Having a UI framework that either offloads some of this for you can actually be 
very useful.  It would also be closer to the user experience we're trying to 
portray - for example, that each document on an app is totally independent.  
Having all documents hang because one is having issues (Safari I'm looking at 
you, you evil bastard) completely breaks that illusion.

That's good point.
One of the reason in the 90's those were allowed was to achieve the goal you are concerned about, I think.

From sometime in 2000's, it seems to me that philosophy behind language design and framework design were changed to be like current model.

Because, as you said, there can be some situation where it is a lot easier and better to allow accessing GUI widgets from any threads, we can feel sorry about it, but if language and framework designers changed their mind to design like how they are now, there should be a workaround for this kind of case. I guess that allowing it will make distributing work unit, i.e. in the form of blocks or lamda functions, difficult because there will be many issues. So, I understand that and as Mr. Alfke said, there did exist some difficulties in multithreaded programming.

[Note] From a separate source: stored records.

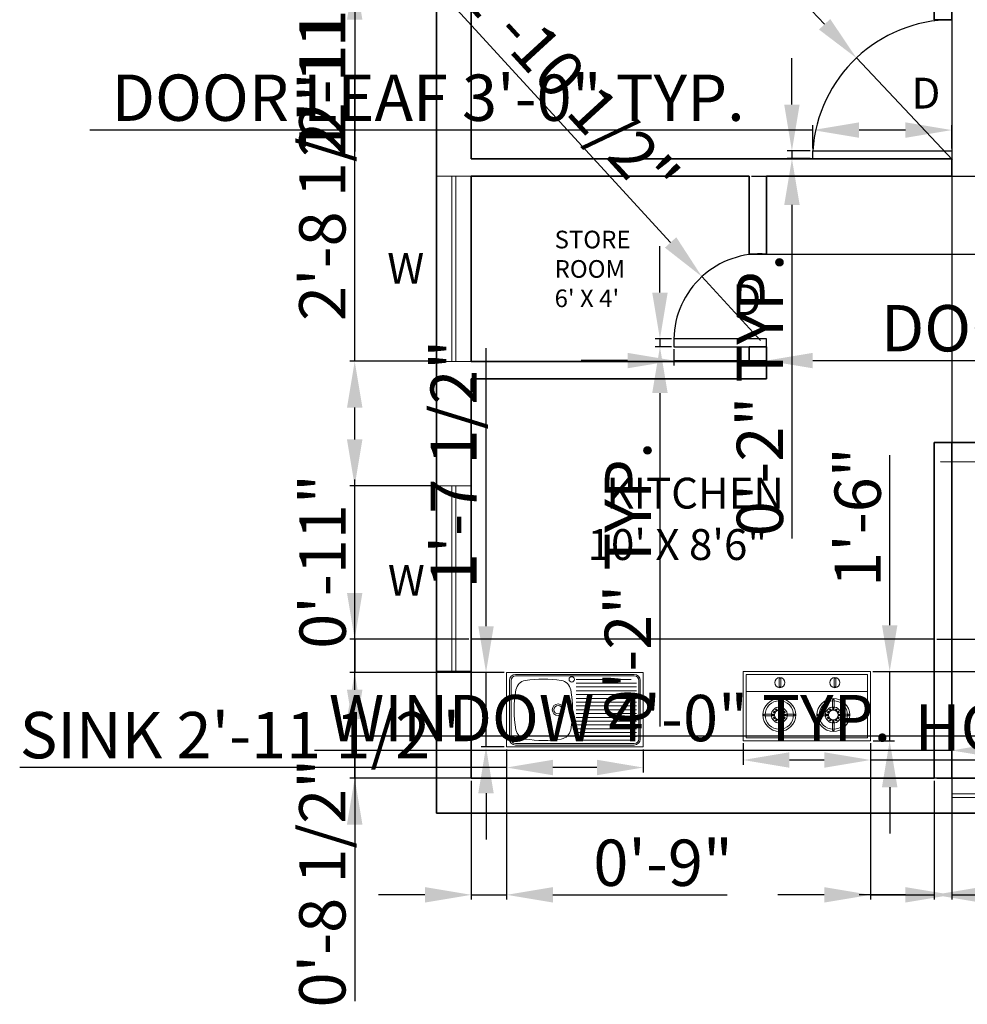
# Model space of a CAD drawing. Units: inches. Extents: x 2122 to 2726, y 1923 to 2370.
# Tile 1 of 6: x 2124 to 2370, y 1923 to 2178. Entities that reach past the tile are written whole.
import ezdxf

# ---------------------------------------------------------------- set-up
doc = ezdxf.new("R2010")
doc.units = ezdxf.units.IN
for name, color, linetype, lineweight in [('A-ANNO-DIMS', 2, 'Continuous', 18), ('A-ANNO-TEXT', 7, 'Continuous', 18), ('A-AREA-IDEN', 7, 'Continuous', 25), ('A-DOOR', 3, 'Continuous', 25), ('A-EQPM', 9, 'Continuous', 18), ('A-FLOR-CASE', 8, 'Continuous', 25), ('A-FLOR-FIXT', 9, 'Continuous', 18), ('A-GLAZ', 4, 'Continuous', 18), ('A-WALL', 7, 'Continuous', 35)]:
    doc.layers.add(name, color=color, linetype=linetype, lineweight=lineweight)
doc.styles.get("Standard").update_dxf_attribs({"font": 'arial.ttf'})
doc.dimstyles.new('ISO-25', dxfattribs={"dimtxt": 12, "dimasz": 12, "dimexe": 1.25, "dimexo": 0.625, "dimtad": 1, "dimlunit": 3, "dimtxsty": 'Standard', "dimcen": 2.5, "dimadec": 0, "dimazin": 0, "dimtfac": 1, "dimtmove": 0, "dimatfit": 3, "dimfxl": 1, "dimarcsym": 0})

# ---------------------------------------------------------------- blocks, each defined once
blk = doc.blocks.new('A$C06E242FC')
for p, q in [((0, 455.6), (0.5, 456.1)), ((0, 455.6), (0, 0.5)), ((838.9, 456.1), (0.5, 456.1)), ((838.9, 456.1), (839.4, 455.6)), ((839.4, 0.5), (839.4, 455.6)), ((20, 435.6), (20.5, 436.1)), ((20, 435.6), (20, 20.5)), ((818.9, 436.1), (20.5, 436.1)), ((237.3, 411.5), (237.3, 356.2)), ((248.9, 411.5), (237.3, 411.5)), ((248.9, 356.2), (248.9, 411.5)), ((599.3, 411.5), (610.9, 411.5)), ((599.3, 411.5), (599.3, 356.2)), ((610.9, 356.2), (610.9, 411.5)), ((819.4, 435.6), (818.9, 436.1)), ((819.4, 20.5), (819.4, 435.6)), ((20, 324.4), (819.4, 324.4)), ((237.3, 356.2), (248.9, 356.2)), ((599.3, 356.2), (610.9, 356.2)), ((232.7, 272.7), (232.7, 214)), ((244.9, 272.7), (232.7, 272.7)), ((244.9, 214), (244.9, 272.7)), ((588.1, 272.7), (588.1, 214)), ((600.3, 272.7), (588.1, 272.7)), ((600.3, 214), (600.3, 272.7)), ((232.7, 214), (244.9, 214)), ((588.1, 214), (600.3, 214)), ((136.3, 176), (136.3, 163.8)), ((194.9, 176), (136.3, 176)), ((136.3, 163.8), (194.9, 163.8)), ((194.9, 163.8), (194.9, 176)), ((282.9, 176.3), (282.9, 164.1)), ((341.6, 176.3), (282.9, 176.3)), ((282.9, 164.1), (341.6, 164.1)), ((341.6, 164.1), (341.6, 176.3)), ((550.3, 176), (491.7, 176)), ((491.7, 176), (491.7, 163.8)), ((491.7, 163.8), (550.3, 163.8)), ((550.3, 163.8), (550.3, 176)), ((638.3, 176.3), (638.3, 164.1)), ((697, 176.3), (638.3, 176.3)), ((638.3, 164.1), (697, 164.1)), ((697, 164.1), (697, 176.3)), ((245.2, 126.1), (233, 126.1)), ((233, 126.1), (233, 67.4)), ((233, 67.4), (245.2, 67.4)), ((245.2, 67.4), (245.2, 126.1)), ((600.6, 126.1), (588.3, 126.1)), ((588.3, 126.1), (588.3, 67.4)), ((588.3, 67.4), (600.6, 67.4)), ((600.6, 67.4), (600.6, 126.1)), ((0, 0.5), (0.5, 0)), ((20, 20.5), (20.5, 20)), ((20.5, 20), (818.9, 20)), ((818.9, 20), (819.4, 20.5)), ((838.9, 0), (839.4, 0.5)), ((0.5, 0), (838.9, 0))]:
    blk.add_line(p, q)
for centre, radius in [((242, 382.9), 33.3), ((604.1, 382.9), 33.3), ((238.9, 170.1), 108.3), ((238.9, 170.1), 93.3), ((594.3, 170.1), 108.3), ((594.3, 170.1), 93.3), ((238.9, 170.1), 52.6), ((238.9, 170.1), 32.6), ((219.5, 203.7), 4.84), ((238.9, 208.9), 4.84), ((258.4, 203.7), 4.84), ((594.3, 170.1), 52.6), ((594.3, 170.1), 32.6), ((574.9, 203.7), 4.84), ((594.3, 208.9), 4.84), ((613.7, 203.7), 4.84), ((200.1, 170.1), 4.84), ((205.3, 189.5), 4.84), ((205.3, 150.6), 4.84), ((219.5, 136.4), 4.84), ((238.9, 131.2), 4.84), ((258.4, 136.4), 4.84), ((272.6, 189.5), 4.84), ((272.6, 150.6), 4.84), ((277.8, 170.1), 4.84), ((555.5, 170.1), 4.84), ((560.7, 189.5), 4.84), ((560.7, 150.6), 4.84), ((574.9, 136.4), 4.84), ((594.3, 131.2), 4.84), ((613.7, 136.4), 4.84), ((628, 189.5), 4.84), ((628, 150.6), 4.84), ((633.2, 170.1), 4.84)]:
    blk.add_circle(centre, radius)
blk = doc.blocks.new('A$C0C3933DC')
for p, q in [((0, 490), (0, 0)), ((900, 490), (0, 490)), ((59.5, 477.5), (450, 477.5)), ((59.5, 467.5), (450, 467.5)), ((840.5, 477.5), (450, 477.5)), ((840.5, 467.5), (450, 467.5)), ((900, 0), (900, 490)), ((19.5, 52.5), (19.5, 437.5)), ((29.5, 52.5), (29.5, 437.5)), ((441, 420), (45, 420)), ((441, 395), (45, 395)), ((441, 445), (80.7, 445)), ((870.5, 52.5), (870.5, 437.5)), ((880.5, 52.5), (880.5, 437.5)), ((441, 370), (45, 370)), ((441, 345), (45, 345)), ((441, 320), (45, 320)), ((441, 295), (45, 295)), ((441, 270), (45, 270)), ((441, 245), (45, 245)), ((441, 220), (45, 220)), ((441, 195), (45, 195)), ((441, 170), (45, 170)), ((441, 145), (45, 145)), ((441, 120), (45, 120)), ((441, 95), (45, 95)), ((441, 70), (45, 70)), ((0, 0), (900, 0)), ((450, 22.5), (59.5, 22.5)), ((450, 12.5), (59.5, 12.5)), ((441, 45), (80.7, 45)), ((450, 22.5), (840.5, 22.5)), ((450, 12.5), (840.5, 12.5))]:
    blk.add_line(p, q)
for centre, radius in [((471, 445), 17.5), ((561, 245), 38), ((561, 245), 27.5)]:
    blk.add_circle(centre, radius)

So, it is trade-off between two conflicting idea. Currently reducing complexity of maintaining and architecting thread-based S/W architecture looks to be the main virtue.

In the case of the Safari thing, if WebKit or Apple developers create each window as processes rather than threads, they can reduce dependency between "documents" or "windows" more than using threading, although data sharing is still needed between processes. I remember sometime during 1990's there were debate between process model vs. thread model. Usually Unix society preferred process model, because it is safer and death of one software processing unit doesn't make the whole program dies. However, somehow thread model which were more popular in PC world got the popularity more. ( thanks to its light-weight? and.. for me, it was due to less confusing model for threading. )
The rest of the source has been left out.